I didn't make any confusion between minimalism and functionalism,or any other style.A cold building can be of any style in my opinion.If in your opinion the cold ones are the minimalistic buildings,than that's you and not me.
And give me the beer man.I want a good polish beer and a vodka too!


----------



## johnz88 (Feb 19, 2005)

Phobos said:


> I didn't make any confusion between minimalism and functionalism,or any other style.A cold building can be of any style in my opinion.If in your opinion the cold ones are the minimalistic buildings,than that's you and not me.
> And give me the beer man.I want a good polish beer and a vodka too!


ya i have to agree with u, i dont really care if its minimalism or functionalism.
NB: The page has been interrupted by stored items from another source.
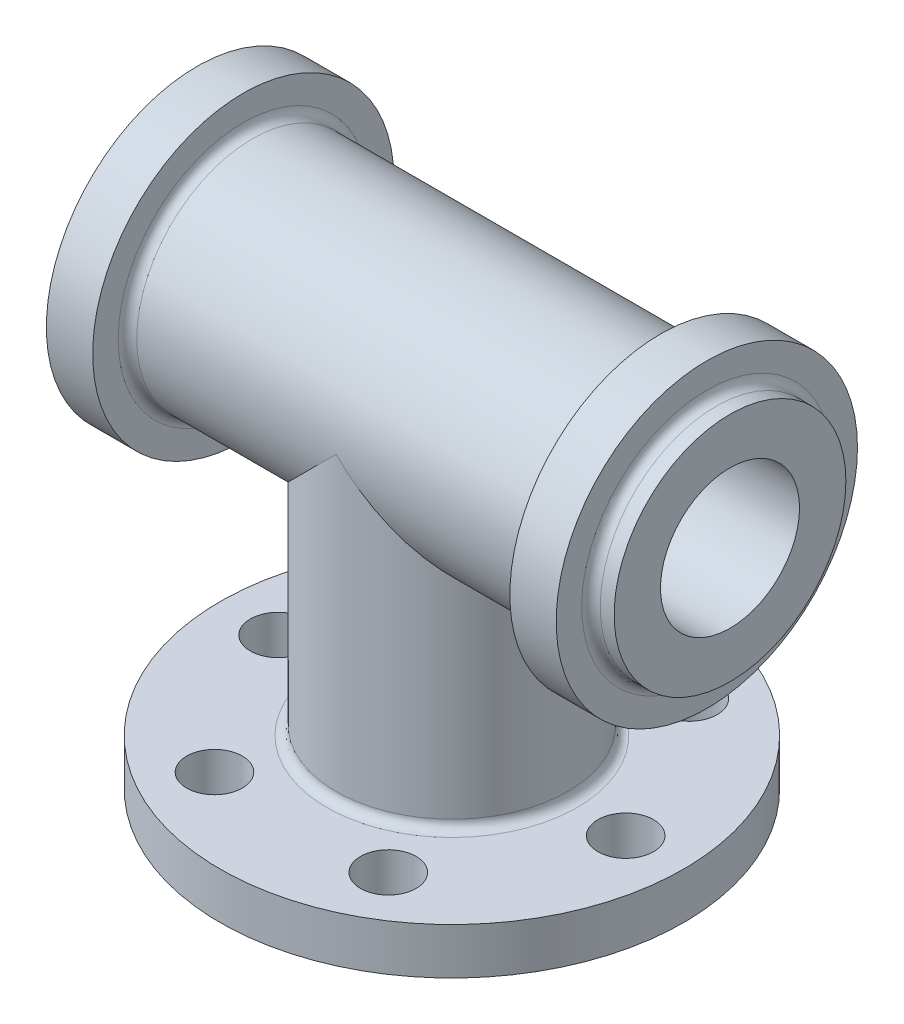
ISO-10303-21;
HEADER;
FILE_DESCRIPTION(('STEP AP214'),'2;1');
FILE_NAME('part.step','',(''),(''),'','','');
FILE_SCHEMA(('AUTOMOTIVE_DESIGN { 1 0 10303 214 1 1 1 1 }'));
ENDSEC;
DATA;
#1=APPLICATION_CONTEXT('core data for automotive mechanical design processes');
#2=APPLICATION_PROTOCOL_DEFINITION('international standard','automotive_design',2000,#1);
#3=PRODUCT_CONTEXT('',#1,'mechanical');
#4=PRODUCT('Part','Part','',(#3));
#5=PRODUCT_RELATED_PRODUCT_CATEGORY('part','',(#4));
#6=PRODUCT_DEFINITION_FORMATION('','',#4);
#7=PRODUCT_DEFINITION_CONTEXT('part definition',#1,'design');
#8=PRODUCT_DEFINITION('design','',#6,#7);
#9=PRODUCT_DEFINITION_SHAPE('','',#8);
#10=(LENGTH_UNIT() NAMED_UNIT(*) SI_UNIT(.MILLI.,.METRE.));
#11=(NAMED_UNIT(*) PLANE_ANGLE_UNIT() SI_UNIT($,.RADIAN.));
#12=(NAMED_UNIT(*) SI_UNIT($,.STERADIAN.) SOLID_ANGLE_UNIT());
#13=UNCERTAINTY_MEASURE_WITH_UNIT(LENGTH_MEASURE(1.E-05),#10,'distance_accuracy_value','');
#14=(GEOMETRIC_REPRESENTATION_CONTEXT(3) GLOBAL_UNCERTAINTY_ASSIGNED_CONTEXT((#13)) GLOBAL_UNIT_ASSIGNED_CONTEXT((#10,
#11,#12)) REPRESENTATION_CONTEXT('',''));
#15=CARTESIAN_POINT('',(0.,0.,0.));
#16=DIRECTION('',(0.,0.,1.));
#17=DIRECTION('',(1.,0.,0.));
#18=AXIS2_PLACEMENT_3D('',#15,#16,#17);
#19=CARTESIAN_POINT('',(0.,-80.,0.));
#20=DIRECTION('',(0.,1.,0.));
#21=DIRECTION('',(0.,0.,1.));
#22=AXIS2_PLACEMENT_3D('',#19,#20,#21);
#23=CYLINDRICAL_SURFACE('',#22,25.);
#24=CARTESIAN_POINT('',(0.,-63.,0.));
#25=DIRECTION('',(0.,-1.,0.));
#26=DIRECTION('',(0.,0.,-1.));
#27=AXIS2_PLACEMENT_3D('',#24,#25,#26);
#28=CIRCLE('',#27,25.);
#29=CARTESIAN_POINT('',(0.,-63.,-25.));
#30=VERTEX_POINT('',#29);
#31=EDGE_CURVE('E81',#30,#30,#28,.F.);
#32=ORIENTED_EDGE('',*,*,#31,.T.);
#33=EDGE_LOOP('',(#32));
#34=FACE_BOUND('',#33,.T.);
#35=CARTESIAN_POINT('',(0.,0.,0.));
#36=DIRECTION('',(-0.707106781186547,0.707106781186547,0.));
#37=DIRECTION('',(-0.707106781186547,-0.707106781186547,0.));
#38=AXIS2_PLACEMENT_3D('',#35,#36,#37);
#39=ELLIPSE('',#38,35.3553390593274,25.);
#40=CARTESIAN_POINT('',(0.,0.,-25.));
#41=VERTEX_POINT('',#40);
#42=CARTESIAN_POINT('',(0.,0.,25.));
#43=VERTEX_POINT('',#42);
#44=EDGE_CURVE('E65',#41,#43,#39,.T.);
#45=ORIENTED_EDGE('',*,*,#44,.F.);
#46=CARTESIAN_POINT('',(0.,0.,0.));
#47=DIRECTION('',(-0.707106781186547,-0.707106781186547,0.));
#48=DIRECTION('',(-0.707106781186547,0.707106781186547,0.));
#49=AXIS2_PLACEMENT_3D('',#46,#47,#48);
#50=ELLIPSE('',#49,35.3553390593274,25.);
#51=EDGE_CURVE('E182',#43,#41,#50,.F.);
#52=ORIENTED_EDGE('',*,*,#51,.F.);
#53=EDGE_LOOP('',(#45,#52));
#54=FACE_BOUND('',#53,.T.);
#55=ADVANCED_FACE('F41',(#34,#54),#23,.T.);
#56=CARTESIAN_POINT('',(60.,0.,0.));
#57=DIRECTION('',(-1.,0.,0.));
#58=DIRECTION('',(0.,0.,1.));
#59=AXIS2_PLACEMENT_3D('',#56,#57,#58);
#60=CYLINDRICAL_SURFACE('',#59,25.);
#61=CARTESIAN_POINT('',(43.,0.,0.));
#62=DIRECTION('',(1.,0.,0.));
#63=DIRECTION('',(0.,0.,-1.));
#64=AXIS2_PLACEMENT_3D('',#61,#62,#63);
#65=CIRCLE('',#64,25.);
#66=CARTESIAN_POINT('',(43.,0.,-25.));
#67=VERTEX_POINT('',#66);
#68=EDGE_CURVE('E98',#67,#67,#65,.F.);
#69=ORIENTED_EDGE('',*,*,#68,.T.);
#70=EDGE_LOOP('',(#69));
#71=FACE_BOUND('',#70,.T.);
#72=CARTESIAN_POINT('',(-43.,0.,0.));
#73=DIRECTION('',(-1.,0.,0.));
#74=DIRECTION('',(0.,0.,1.));
#75=AXIS2_PLACEMENT_3D('',#72,#73,#74);
#76=CIRCLE('',#75,25.);
#77=CARTESIAN_POINT('',(-43.,0.,25.));
#78=VERTEX_POINT('',#77);
#79=EDGE_CURVE('E92',#78,#78,#76,.F.);
#80=ORIENTED_EDGE('',*,*,#79,.T.);
#81=EDGE_LOOP('',(#80));
#82=FACE_BOUND('',#81,.T.);
#83=ORIENTED_EDGE('',*,*,#51,.T.);
#84=ORIENTED_EDGE('',*,*,#44,.T.);
#85=EDGE_LOOP('',(#83,#84));
#86=FACE_BOUND('',#85,.T.);
#87=ADVANCED_FACE('F127',(#71,#82,#86),#60,.T.);
#88=CARTESIAN_POINT('',(45.,0.,0.));
#89=DIRECTION('',(1.,0.,0.));
#90=DIRECTION('',(0.,0.,-1.));
#91=AXIS2_PLACEMENT_3D('',#88,#89,#90);
#92=CYLINDRICAL_SURFACE('',#91,32.5);
#93=CARTESIAN_POINT('',(45.,0.,0.));
#94=DIRECTION('',(1.,0.,0.));
#95=DIRECTION('',(0.,0.,-1.));
#96=AXIS2_PLACEMENT_3D('',#93,#94,#95);
#97=CIRCLE('',#96,32.5);
#98=CARTESIAN_POINT('',(45.,0.,-32.5));
#99=VERTEX_POINT('',#98);
#100=EDGE_CURVE('E174',#99,#99,#97,.T.);
#101=ORIENTED_EDGE('',*,*,#100,.T.);
#102=EDGE_LOOP('',(#101));
#103=FACE_BOUND('',#102,.T.);
#104=CARTESIAN_POINT('',(55.,0.,0.));
#105=DIRECTION('',(1.,0.,0.));
#106=DIRECTION('',(0.,0.,-1.));
#107=AXIS2_PLACEMENT_3D('',#104,#105,#106);
#108=CIRCLE('',#107,32.5);
#109=CARTESIAN_POINT('',(55.,0.,-32.5));
#110=VERTEX_POINT('',#109);
#111=EDGE_CURVE('E168',#110,#110,#108,.T.);
#112=ORIENTED_EDGE('',*,*,#111,.F.);
#113=EDGE_LOOP('',(#112));
#114=FACE_BOUND('',#113,.T.);
#115=ADVANCED_FACE('F131',(#103,#114),#92,.T.);
#116=CARTESIAN_POINT('',(45.,0.,0.));
#117=DIRECTION('',(1.,0.,0.));
#118=DIRECTION('',(0.,0.,-1.));
#119=AXIS2_PLACEMENT_3D('',#116,#117,#118);
#120=PLANE('',#119);
#121=CARTESIAN_POINT('',(45.,0.,0.));
#122=DIRECTION('',(1.,0.,0.));
#123=DIRECTION('',(0.,0.,-1.));
#124=AXIS2_PLACEMENT_3D('',#121,#122,#123);
#125=CIRCLE('',#124,27.);
#126=CARTESIAN_POINT('',(45.,0.,-27.));
#127=VERTEX_POINT('',#126);
#128=EDGE_CURVE('E95',#127,#127,#125,.T.);
#129=ORIENTED_EDGE('',*,*,#128,.T.);
#130=EDGE_LOOP('',(#129));
#131=FACE_BOUND('',#130,.T.);
#132=ORIENTED_EDGE('',*,*,#100,.F.);
#133=EDGE_LOOP('',(#132));
#134=FACE_BOUND('',#133,.T.);
#135=ADVANCED_FACE('F239',(#131,#134),#120,.F.);
#136=CARTESIAN_POINT('',(55.,0.,0.));
#137=DIRECTION('',(1.,0.,0.));
#138=DIRECTION('',(0.,0.,-1.));
#139=AXIS2_PLACEMENT_3D('',#136,#137,#138);
#140=PLANE('',#139);
#141=CARTESIAN_POINT('',(55.,0.,0.));
#142=DIRECTION('',(1.,0.,0.));
#143=DIRECTION('',(0.,0.,-1.));
#144=AXIS2_PLACEMENT_3D('',#141,#142,#143);
#145=CIRCLE('',#144,27.);
#146=CARTESIAN_POINT('',(55.,0.,-27.));
#147=VERTEX_POINT('',#146);
#148=EDGE_CURVE('E90',#147,#147,#145,.F.);
#149=ORIENTED_EDGE('',*,*,#148,.T.);
#150=EDGE_LOOP('',(#149));
#151=FACE_BOUND('',#150,.T.);
#152=ORIENTED_EDGE('',*,*,#111,.T.);
#153=EDGE_LOOP('',(#152));
#154=FACE_BOUND('',#153,.T.);
#155=ADVANCED_FACE('F244',(#151,#154),#140,.T.);
#156=CARTESIAN_POINT('',(60.,0.,0.));
#157=DIRECTION('',(1.,0.,0.));
#158=DIRECTION('',(0.,0.,-1.));
#159=AXIS2_PLACEMENT_3D('',#156,#157,#158);
#160=PLANE('',#159);
#161=CARTESIAN_POINT('',(60.,0.,0.));
#162=DIRECTION('',(1.,0.,0.));
#163=DIRECTION('',(0.,0.,-1.));
#164=AXIS2_PLACEMENT_3D('',#161,#162,#163);
#165=CIRCLE('',#164,15.);
#166=CARTESIAN_POINT('',(60.,0.,-15.));
#167=VERTEX_POINT('',#166);
#168=EDGE_CURVE('E164',#167,#167,#165,.T.);
#169=ORIENTED_EDGE('',*,*,#168,.F.);
#170=EDGE_LOOP('',(#169));
#171=FACE_BOUND('',#170,.T.);
#172=CARTESIAN_POINT('',(60.,0.,0.));
#173=DIRECTION('',(1.,0.,0.));
#174=DIRECTION('',(0.,0.,-1.));
#175=AXIS2_PLACEMENT_3D('',#172,#173,#174);
#176=CIRCLE('',#175,25.);
#177=CARTESIAN_POINT('',(60.,0.,-25.));
#178=VERTEX_POINT('',#177);
#179=EDGE_CURVE('E176',#178,#178,#176,.T.);
#180=ORIENTED_EDGE('',*,*,#179,.T.);
#181=EDGE_LOOP('',(#180));
#182=FACE_BOUND('',#181,.T.);
#183=ADVANCED_FACE('F199',(#171,#182),#160,.T.);
#184=CARTESIAN_POINT('',(57.,0.,0.));
#185=DIRECTION('',(1.,0.,0.));
#186=DIRECTION('',(0.,0.,-1.));
#187=AXIS2_PLACEMENT_3D('',#184,#185,#186);
#188=CIRCLE('',#187,25.);
#189=CARTESIAN_POINT('',(57.,0.,-25.));
#190=VERTEX_POINT('',#189);
#191=EDGE_CURVE('E88',#190,#190,#188,.T.);
#192=ORIENTED_EDGE('',*,*,#191,.T.);
#193=EDGE_LOOP('',(#192));
#194=FACE_BOUND('',#193,.T.);
#195=ORIENTED_EDGE('',*,*,#179,.F.);
#196=EDGE_LOOP('',(#195));
#197=FACE_BOUND('',#196,.T.);
#198=ADVANCED_FACE('F136',(#194,#197),#60,.T.);
#199=CARTESIAN_POINT('',(-45.,0.,0.));
#200=DIRECTION('',(-1.,0.,0.));
#201=DIRECTION('',(0.,0.,-1.));
#202=AXIS2_PLACEMENT_3D('',#199,#200,#201);
#203=PLANE('',#202);
#204=CARTESIAN_POINT('',(-45.,0.,0.));
#205=DIRECTION('',(-1.,0.,0.));
#206=DIRECTION('',(0.,0.,1.));
#207=AXIS2_PLACEMENT_3D('',#204,#205,#206);
#208=CIRCLE('',#207,27.);
#209=CARTESIAN_POINT('',(-45.,0.,27.));
#210=VERTEX_POINT('',#209);
#211=EDGE_CURVE('E101',#210,#210,#208,.T.);
#212=ORIENTED_EDGE('',*,*,#211,.T.);
#213=EDGE_LOOP('',(#212));
#214=FACE_BOUND('',#213,.T.);
#215=CARTESIAN_POINT('',(-45.,0.,0.));
#216=DIRECTION('',(1.,0.,0.));
#217=DIRECTION('',(0.,0.,-1.));
#218=AXIS2_PLACEMENT_3D('',#215,#216,#217);
#219=CIRCLE('',#218,32.5);
#220=CARTESIAN_POINT('',(-45.,0.,-32.5));
#221=VERTEX_POINT('',#220);
#222=EDGE_CURVE('E165',#221,#221,#219,.T.);
#223=ORIENTED_EDGE('',*,*,#222,.T.);
#224=EDGE_LOOP('',(#223));
#225=FACE_BOUND('',#224,.T.);
#226=ADVANCED_FACE('F204',(#214,#225),#203,.F.);
#227=CARTESIAN_POINT('',(-55.,0.,0.));
#228=DIRECTION('',(-1.,0.,0.));
#229=DIRECTION('',(0.,0.,-1.));
#230=AXIS2_PLACEMENT_3D('',#227,#228,#229);
#231=PLANE('',#230);
#232=CARTESIAN_POINT('',(-55.,0.,0.));
#233=DIRECTION('',(-1.,0.,0.));
#234=DIRECTION('',(0.,0.,1.));
#235=AXIS2_PLACEMENT_3D('',#232,#233,#234);
#236=CIRCLE('',#235,27.);
#237=CARTESIAN_POINT('',(-55.,0.,27.));
#238=VERTEX_POINT('',#237);
#239=EDGE_CURVE('E102',#238,#238,#236,.F.);
#240=ORIENTED_EDGE('',*,*,#239,.T.);
#241=EDGE_LOOP('',(#240));
#242=FACE_BOUND('',#241,.T.);
#243=CARTESIAN_POINT('',(-55.,0.,0.));
#244=DIRECTION('',(1.,0.,0.));
#245=DIRECTION('',(0.,0.,-1.));
#246=AXIS2_PLACEMENT_3D('',#243,#244,#245);
#247=CIRCLE('',#246,32.5);
#248=CARTESIAN_POINT('',(-55.,0.,-32.5));
#249=VERTEX_POINT('',#248);
#250=EDGE_CURVE('E158',#249,#249,#247,.T.);
#251=ORIENTED_EDGE('',*,*,#250,.F.);
#252=EDGE_LOOP('',(#251));
#253=FACE_BOUND('',#252,.T.);
#254=ADVANCED_FACE('F198',(#242,#253),#231,.T.);
#255=CARTESIAN_POINT('',(-45.,0.,0.));
#256=DIRECTION('',(-1.,0.,0.));
#257=DIRECTION('',(0.,0.,1.));
#258=AXIS2_PLACEMENT_3D('',#255,#256,#257);
#259=CYLINDRICAL_SURFACE('',#258,32.5);
#260=ORIENTED_EDGE('',*,*,#222,.F.);
#261=EDGE_LOOP('',(#260));
#262=FACE_BOUND('',#261,.T.);
#263=ORIENTED_EDGE('',*,*,#250,.T.);
#264=EDGE_LOOP('',(#263));
#265=FACE_BOUND('',#264,.T.);
#266=ADVANCED_FACE('F186',(#262,#265),#259,.T.);
#267=CARTESIAN_POINT('',(-60.,0.,0.));
#268=DIRECTION('',(1.,0.,0.));
#269=DIRECTION('',(0.,0.,-1.));
#270=AXIS2_PLACEMENT_3D('',#267,#268,#269);
#271=PLANE('',#270);
#272=CARTESIAN_POINT('',(-60.,0.,0.));
#273=DIRECTION('',(1.,0.,0.));
#274=DIRECTION('',(0.,0.,-1.));
#275=AXIS2_PLACEMENT_3D('',#272,#273,#274);
#276=CIRCLE('',#275,15.);
#277=CARTESIAN_POINT('',(-60.,0.,-15.));
#278=VERTEX_POINT('',#277);
#279=EDGE_CURVE('E157',#278,#278,#276,.T.);
#280=ORIENTED_EDGE('',*,*,#279,.T.);
#281=EDGE_LOOP('',(#280));
#282=FACE_BOUND('',#281,.T.);
#283=CARTESIAN_POINT('',(-60.,0.,0.));
#284=DIRECTION('',(1.,0.,0.));
#285=DIRECTION('',(0.,0.,-1.));
#286=AXIS2_PLACEMENT_3D('',#283,#284,#285);
#287=CIRCLE('',#286,25.);
#288=CARTESIAN_POINT('',(-60.,0.,-25.));
#289=VERTEX_POINT('',#288);
#290=EDGE_CURVE('E173',#289,#289,#287,.T.);
#291=ORIENTED_EDGE('',*,*,#290,.F.);
#292=EDGE_LOOP('',(#291));
#293=FACE_BOUND('',#292,.T.);
#294=ADVANCED_FACE('F151',(#282,#293),#271,.F.);
#295=CARTESIAN_POINT('',(-57.,0.,0.));
#296=DIRECTION('',(-1.,0.,0.));
#297=DIRECTION('',(0.,0.,1.));
#298=AXIS2_PLACEMENT_3D('',#295,#296,#297);
#299=CIRCLE('',#298,25.);
#300=CARTESIAN_POINT('',(-57.,0.,25.));
#301=VERTEX_POINT('',#300);
#302=EDGE_CURVE('E110',#301,#301,#299,.T.);
#303=ORIENTED_EDGE('',*,*,#302,.T.);
#304=EDGE_LOOP('',(#303));
#305=FACE_BOUND('',#304,.T.);
#306=ORIENTED_EDGE('',*,*,#290,.T.);
#307=EDGE_LOOP('',(#306));
#308=FACE_BOUND('',#307,.T.);
#309=ADVANCED_FACE('F140',(#305,#308),#60,.T.);
#310=CARTESIAN_POINT('',(0.,-75.,0.));
#311=DIRECTION('',(0.,-1.,0.));
#312=DIRECTION('',(0.,0.,-1.));
#313=AXIS2_PLACEMENT_3D('',#310,#311,#312);
#314=CIRCLE('',#313,25.);
#315=CARTESIAN_POINT('',(0.,-75.,-25.));
#316=VERTEX_POINT('',#315);
#317=EDGE_CURVE('E74',#316,#316,#314,.F.);
#318=ORIENTED_EDGE('',*,*,#317,.F.);
#319=EDGE_LOOP('',(#318));
#320=FACE_BOUND('',#319,.T.);
#321=CARTESIAN_POINT('',(0.,-80.,0.));
#322=DIRECTION('',(0.,1.,0.));
#323=DIRECTION('',(0.,0.,1.));
#324=AXIS2_PLACEMENT_3D('',#321,#322,#323);
#325=CIRCLE('',#324,25.);
#326=CARTESIAN_POINT('',(0.,-80.,25.));
#327=VERTEX_POINT('',#326);
#328=EDGE_CURVE('E160',#327,#327,#325,.T.);
#329=ORIENTED_EDGE('',*,*,#328,.T.);
#330=EDGE_LOOP('',(#329));
#331=FACE_BOUND('',#330,.T.);
#332=ADVANCED_FACE('F129',(#320,#331),#23,.T.);
#333=CARTESIAN_POINT('',(0.,-80.,0.));
#334=DIRECTION('',(0.,1.,0.));
#335=DIRECTION('',(0.,0.,1.));
#336=AXIS2_PLACEMENT_3D('',#333,#334,#335);
#337=CYLINDRICAL_SURFACE('',#336,15.);
#338=CARTESIAN_POINT('',(0.,-79.,0.));
#339=DIRECTION('',(0.,1.,0.));
#340=DIRECTION('',(0.,0.,1.));
#341=AXIS2_PLACEMENT_3D('',#338,#339,#340);
#342=CIRCLE('',#341,15.);
#343=CARTESIAN_POINT('',(0.,-79.,15.));
#344=VERTEX_POINT('',#343);
#345=EDGE_CURVE('E11',#344,#344,#342,.F.);
#346=ORIENTED_EDGE('',*,*,#345,.T.);
#347=EDGE_LOOP('',(#346));
#348=FACE_BOUND('',#347,.T.);
#349=CARTESIAN_POINT('',(0.,0.,0.));
#350=DIRECTION('',(0.707106781186547,-0.707106781186547,0.));
#351=DIRECTION('',(0.707106781186547,0.707106781186547,0.));
#352=AXIS2_PLACEMENT_3D('',#349,#350,#351);
#353=ELLIPSE('',#352,21.2132034355964,15.);
#354=CARTESIAN_POINT('',(0.,0.,15.));
#355=VERTEX_POINT('',#354);
#356=CARTESIAN_POINT('',(0.,0.,-15.));
#357=VERTEX_POINT('',#356);
#358=EDGE_CURVE('E66',#355,#357,#353,.T.);
#359=ORIENTED_EDGE('',*,*,#358,.F.);
#360=CARTESIAN_POINT('',(0.,0.,0.));
#361=DIRECTION('',(0.707106781186547,0.707106781186547,0.));
#362=DIRECTION('',(0.707106781186547,-0.707106781186547,0.));
#363=AXIS2_PLACEMENT_3D('',#360,#361,#362);
#364=ELLIPSE('',#363,21.2132034355964,15.);
#365=EDGE_CURVE('E57',#357,#355,#364,.F.);
#366=ORIENTED_EDGE('',*,*,#365,.F.);
#367=EDGE_LOOP('',(#359,#366));
#368=FACE_BOUND('',#367,.T.);
#369=ADVANCED_FACE('F69',(#348,#368),#337,.F.);
#370=CARTESIAN_POINT('',(0.,-80.,0.));
#371=DIRECTION('',(0.,1.,0.));
#372=DIRECTION('',(0.,0.,1.));
#373=AXIS2_PLACEMENT_3D('',#370,#371,#372);
#374=PLANE('',#373);
#375=CARTESIAN_POINT('',(0.,-80.,0.));
#376=DIRECTION('',(0.,1.,0.));
#377=DIRECTION('',(0.,0.,1.));
#378=AXIS2_PLACEMENT_3D('',#375,#376,#377);
#379=CIRCLE('',#378,16.);
#380=CARTESIAN_POINT('',(0.,-80.,16.));
#381=VERTEX_POINT('',#380);
#382=EDGE_CURVE('E49',#381,#381,#379,.T.);
#383=ORIENTED_EDGE('',*,*,#382,.T.);
#384=EDGE_LOOP('',(#383));
#385=FACE_BOUND('',#384,.T.);
#386=ORIENTED_EDGE('',*,*,#328,.F.);
#387=EDGE_LOOP('',(#386));
#388=FACE_BOUND('',#387,.T.);
#389=ADVANCED_FACE('F115',(#385,#388),#374,.F.);
#390=CARTESIAN_POINT('',(60.,0.,0.));
#391=DIRECTION('',(1.,0.,0.));
#392=DIRECTION('',(0.,0.,-1.));
#393=AXIS2_PLACEMENT_3D('',#390,#391,#392);
#394=CYLINDRICAL_SURFACE('',#393,15.);
#395=ORIENTED_EDGE('',*,*,#358,.T.);
#396=ORIENTED_EDGE('',*,*,#365,.T.);
#397=EDGE_LOOP('',(#395,#396));
#398=FACE_BOUND('',#397,.T.);
#399=ORIENTED_EDGE('',*,*,#279,.F.);
#400=EDGE_LOOP('',(#399));
#401=FACE_BOUND('',#400,.T.);
#402=ORIENTED_EDGE('',*,*,#168,.T.);
#403=EDGE_LOOP('',(#402));
#404=FACE_BOUND('',#403,.T.);
#405=ADVANCED_FACE('F75',(#398,#401,#404),#394,.F.);
#406=CARTESIAN_POINT('',(0.,-65.,0.));
#407=DIRECTION('',(0.,-1.,0.));
#408=DIRECTION('',(0.,0.,-1.));
#409=AXIS2_PLACEMENT_3D('',#406,#407,#408);
#410=CYLINDRICAL_SURFACE('',#409,50.);
#411=CARTESIAN_POINT('',(0.,-65.,0.));
#412=DIRECTION('',(0.,-1.,0.));
#413=DIRECTION('',(0.,0.,-1.));
#414=AXIS2_PLACEMENT_3D('',#411,#412,#413);
#415=CIRCLE('',#414,50.);
#416=CARTESIAN_POINT('',(0.,-65.,-50.));
#417=VERTEX_POINT('',#416);
#418=EDGE_CURVE('E467',#417,#417,#415,.T.);
#419=ORIENTED_EDGE('',*,*,#418,.T.);
#420=EDGE_LOOP('',(#419));
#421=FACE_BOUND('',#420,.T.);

One can argue that there is no minimalism or whatever but the point is that the buildings still look like shit and it is a fact.


----------



## Varsben (Jan 14, 2005)




----------



## Sbz2ifc (Apr 16, 2006)

^^ I've seen better looking Carrefour hypermarkets. :lol:


----------



## Lucky Luke (Oct 20, 2004)

They couldn't choose a worse project hno: :bash:


----------



## LukDos (Mar 14, 2006)

check those two, that were not even awarded..i think they are way bether then 15 awarded project....
]


















I love the first one so much 

What do u think ???

U can see the second one here : http://www.tamizo.pl/PL/projekty/architektura/43/muzeum_sztuki_nowoczesnej_w_warszawie.html


----------



## sun&sun (Dec 26, 2004)

Vars_ said:


>


Even the Carrefour which is u/c in Istanbul looks better and more like a museum than this one! You guys must be pissed off!! Do you think they decided to build this one because of the costs? The other projects seem to be more complicated and more expensive!


----------



## lpioe (May 6, 2006)

LukDos said:


> check those two, that were not even awarded..i think they are way bether then 15 awarded project....
> 
> 
> 
> ...


Agree with you about the first one. It has a similar architectural style as the winner project but is soooooo much better.


----------



## hellolazyness (Nov 20, 2004)

polska_immortalz said:


> HOW DO YOU LIKE THIS PROJECT???
> 
> http://www.museumcompetition.pl/nagrody.php?lang=eng


Oh my God...what a nightmare


----------



## orangy (Feb 17, 2007)

Phobos said:


> I didn't make any confusion between minimalism and functionalism,or any other style.A cold building can be of any style in my opinion.If in your opinion the cold ones are the minimalistic buildings,than that's you and not me.
> And give me the beer man.I want a good polish beer and a vodka too!


I didn't make the point about cold buildings, you did. To me, a cold building is one without central heating :lol: and i wouldn't use this term in relation to design.

I'm just saying that in my city there's no building like this one, because 70% of what there is are pseudo-corbusier'ian blocks, 15% is international style and the rest are remains of Polish classicism, pre-war functionalism and some other styles including bit of soc-realism. 

..and be careful with that vodka :lol:


----------



## AMS guy (Jun 27, 2003)

My favourite is this one from Norway.










As some guys already said before, they've chosen the worst possible project. :no:


----------



## ChivDevil (Jan 28, 2007)

This sucks for you guys.hno: Is there a possibility that they will change their minds on the winning design?


----------



## TwItCH (May 2, 2006)

Vars_ said:


>


this is an insult to Carrefour:nuts:


----------



## Blok (Jul 10, 2006)

It's not final design.


----------



## tanzirian (Jul 13, 2005)

Hey, I think the winner cheated! He copied the design of the Wal Mart near my house!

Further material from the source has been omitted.